Selain itu, langkah yang lain adalah membuat kebijakan khusus untuk mengatasi krisis yang dimasukkan dalam UU, lalu melakukan pengaturan fasilitas swap berdasarkan kerja sama internasional. Suminto juga menyebut ada empat tingkat krisis kondisi pasar SBN yang selalu dipantau, yaitu normal, waspada, siaga, dan krisis. Kemudian indikator-indikator yang diawasi adalah yield seri benchmark, nilai tukar, IHSG, serta kepemilikan asing di SBN.

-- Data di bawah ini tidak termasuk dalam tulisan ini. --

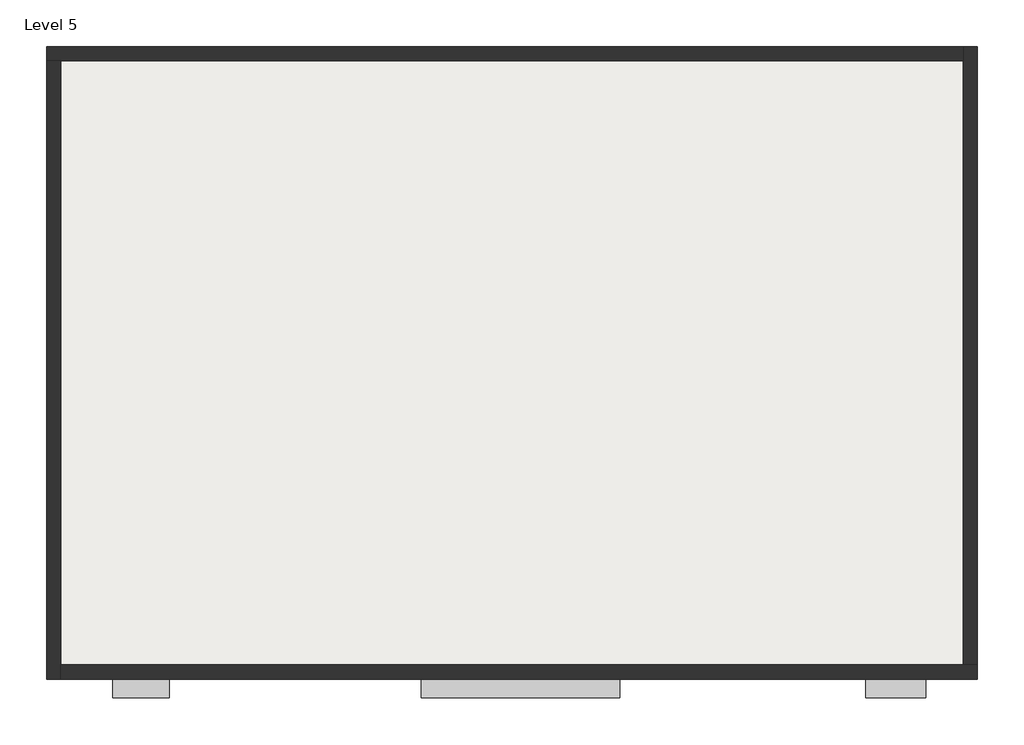
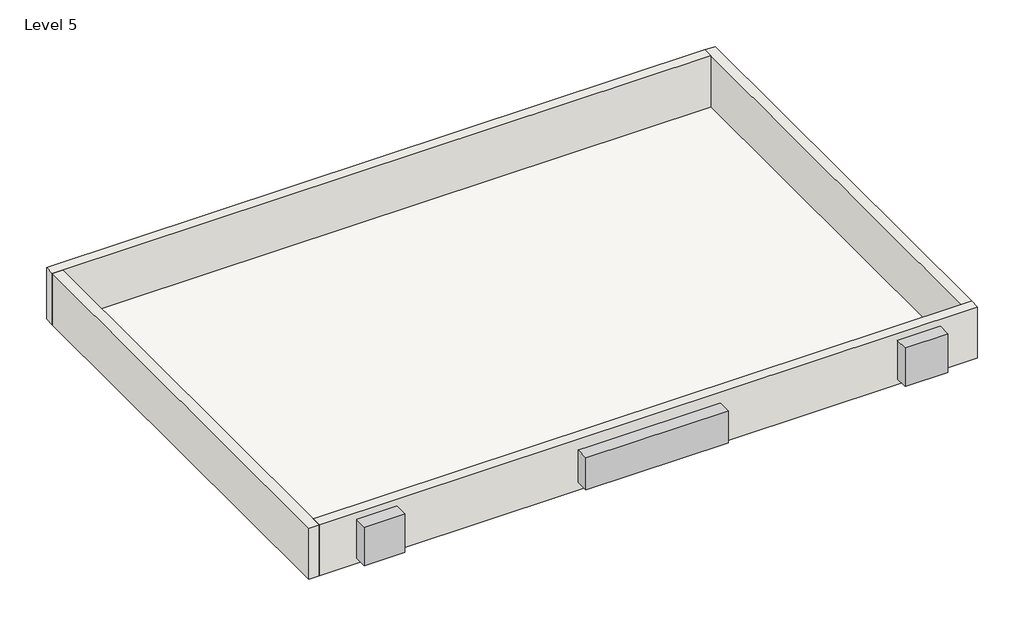
# One storey, incomplete: 4 walls, 1 proxy, 1 roof.
"""IFC4 building model written with IfcOpenShell, lengths in millimetres."""

from ifc_helpers import new_model, si_unit, frame, origin, place, context, project, spatial, polyline, outline, extrude, faceted_brep, transform, mapped, element, save
from components import generic_models_1_generic_models_1_6252d277

model = new_model("IFC4")

# Units and contexts
model_context = context("Model", 3, world=origin())
ifc_project = project(units=[si_unit("LENGTHUNIT", "METRE", prefix="MILLI")], contexts=[model_context])

# Site, building, storey
site = spatial("IfcSite", under=ifc_project)
building = spatial("IfcBuilding", under=site)
storey = spatial("IfcBuildingStorey", under=building, Name="Level 5", Elevation=9601.2)

# Proxy
placement = place(None, origin())
generic_models_1_generic_models_1_shape = generic_models_1_generic_models_1_6252d277(model_context)
element("IfcBuildingElementProxy", 1, Name="Generic Models 1 : Generic Models 1", ObjectType="Generic Models 1 : Generic Models 1", at=placement, inside=storey, context=model_context, shape_type="MappedRepresentation", body=[
    mapped(generic_models_1_generic_models_1_shape, transform((0.0, 0.0, 0.0), x_axis=(1.0, 0.0, 0.0), y_axis=(0.0, 1.0, 0.0), z_axis=(0.0, 0.0, 1.0))),
])

# Roof
element("IfcRoof", 2, ObjectType="Generic - 12\"", at=placement, inside=storey, context=model_context, shape_type="SweptSolid", body=[
    extrude(outline(polyline([(-7944.5640964, 7068.003532), (6625.5109036, 7068.003532), (6625.5109036, -2685.596468), (-7944.5640964, -2685.596468), (-7944.5640964, 7068.003532)])), frame((0.0, 0.0, 9448.8), z_axis=(0.0, 0.0, 1.0), x_axis=(1.0, 0.0, 0.0)), (0.0, 0.0, 1.0), 152.4),
])

# Walls
element("IfcWall", 3, ObjectType="WALL9\"", at=placement, inside=storey, context=model_context, shape_type="Brep", body=[
    faceted_brep([(-8173.1640964, 7068.003532, 9601.2), (-7944.5640964, 7068.003532, 9601.2), (6625.5109036, 7068.003532, 9601.2), (6625.5109036, 7068.003532, 10820.4), (-7944.5640964, 7068.003532, 10820.4), (-8173.1640964, 7068.003532, 10820.4), (-8173.1640964, 7296.603532, 9601.2), (-8173.1640964, 7296.603532, 10820.4), (6625.5109036, 7296.603532, 10820.4), (6625.5109036, 7296.603532, 9601.2)], [[[0, 1, 2, 3, 4, 5]], [[6, 7, 8, 9]], [[2, 1, 0, 6, 9]], [[5, 4, 3, 8, 7]], [[0, 5, 7, 6]], [[3, 2, 9, 8]]]),
])
element("IfcWall", 4, ObjectType="WALL9\"", at=placement, inside=storey, context=model_context, shape_type="Brep", body=[
    faceted_brep([(-7944.5640964, -2914.196468, 9601.2), (-7944.5640964, -2685.596468, 9601.2), (-7944.5640964, 7068.003532, 9601.2), (-7944.5640964, 7068.003532, 10820.4), (-7944.5640964, -2685.596468, 10820.4), (-7944.5640964, -2914.196468, 10820.4), (-8173.1640964, -2914.196468, 9601.2), (-8173.1640964, -2914.196468, 10820.4), (-8173.1640964, 7068.003532, 10820.4), (-8173.1640964, 7068.003532, 9601.2)], [[[0, 1, 2, 3, 4, 5]], [[6, 7, 8, 9]], [[2, 1, 0, 6, 9]], [[5, 4, 3, 8, 7]], [[0, 5, 7, 6]], [[3, 2, 9, 8]]]),
])
element("IfcWall", 5, ObjectType="WALL9\"", at=placement, inside=storey, context=model_context, shape_type="Brep", body=[
    faceted_brep([(6854.1109036, -2685.596468, 9601.2), (6625.5109036, -2685.596468, 9601.2), (-7944.5640964, -2685.596468, 9601.2), (-7944.5640964, -2685.596468, 10820.4), (6625.5109036, -2685.596468, 10820.4), (6854.1109036, -2685.596468, 10820.4), (6854.1109036, -2914.196468, 9601.2), (6854.1109036, -2914.196468, 10820.4), (-7944.5640964, -2914.196468, 10820.4), (-7944.5640964, -2914.196468, 9601.2)], [[[0, 1, 2, 3, 4, 5]], [[6, 7, 8, 9]], [[2, 1, 0, 6, 9]], [[5, 4, 3, 8, 7]], [[0, 5, 7, 6]], [[3, 2, 9, 8]]]),
])
element("IfcWall", 6, ObjectType="WALL9\"", at=placement, inside=storey, context=model_context, shape_type="Brep", body=[
    faceted_brep([(6625.5109036, 7296.603532, 9601.2), (6625.5109036, 7068.003532, 9601.2), (6625.5109036, -2685.596468, 9601.2), (6625.5109036, -2685.596468, 10820.4), (6625.5109036, 7068.003532, 10820.4), (6625.5109036, 7296.603532, 10820.4), (6854.1109036, 7296.603532, 9601.2), (6854.1109036, 7296.603532, 10820.4), (6854.1109036, -2685.596468, 10820.4), (6854.1109036, -2685.596468, 9601.2)], [[[0, 1, 2, 3, 4, 5]], [[6, 7, 8, 9]], [[2, 1, 0, 6, 9]], [[5, 4, 3, 8, 7]], [[0, 5, 7, 6]], [[3, 2, 9, 8]]]),
])

save(model, "model.ifc")

# Revit data of these elements
# Type "Generic - 12\""
#   Assembly Code = "B1020"
#   Layers, outside or top first: 0' - 6" no material (function 1)
# Type "WALL9\""
#   Assembly Code = "B2010"
#   Layers, outside or top first: 0' - 9" no material (function 1)
# Element 1 (IfcBuildingElementProxy, "Generic Models 1 : Generic Models 1")
#   Phase Created = New Construction
#   Materials on its faces: "Parking Stripe", "Carpet (1)"
# Element 2 (IfcRoof, "Generic - 12\"")
#   built-in parameter 1001705 = 31.5 (stored number, unit not read)
#   built-in parameter 1001701 = -0.5 (stored number, unit not read)
#   built-in parameter 1001710 = 33615
#   Phase Created = New Construction
#   Materials on its faces: "Default Roof"
# Elements 3, 4, 5, 6 (IfcWall, "WALL9\"")
#   Top Offset = 0' - 0"
#   Base Offset = 0' - 0"
#   Unconnected Height = 4' - 0"
#   wall height = 4' - 0"
#   Phase Created = New Construction
#   Base Constraint = Level 5
#   Materials on its faces: "Default Wall"
# Materials
#   "Parking Stripe": class "Paint", colour RGB 250 250 91, transparency 0, Cost = 0
#   "Carpet (1)": class "Carpet", colour RGB 124 80 67, transparency 0, Description = "Interior finish", Cost = 0
#   "Default Roof": colour RGB 88 101 114, transparency 0, Cost = 0
#   "Default Wall": colour RGB 128 128 128, transparency 0, Cost = 0

Jika terjadi krisis, lanjut Suminto, pemerintah akan mengeluarkan dua kebijakan yaitu pembelian kembali SBN di pasar sekunder serta menunda atau menghentikan penerbitan SBN.
Ia pun mengaku pemerintah meneliti terlebih dahulu profil investor asing yang ingin membeli SBN Indonesia. Hal itu bertujuan untuk melihat besar tidaknya risiko jika menjual SBN kepada mereka. Namun, lanjut Suminto, sejauh ini risiko bisa dikelola karena pihak asing yang membeli SBN Indonesia merupakan investor jangka panjang. "Jadi bukan hanya sekedar spekulan saja," tutur dia.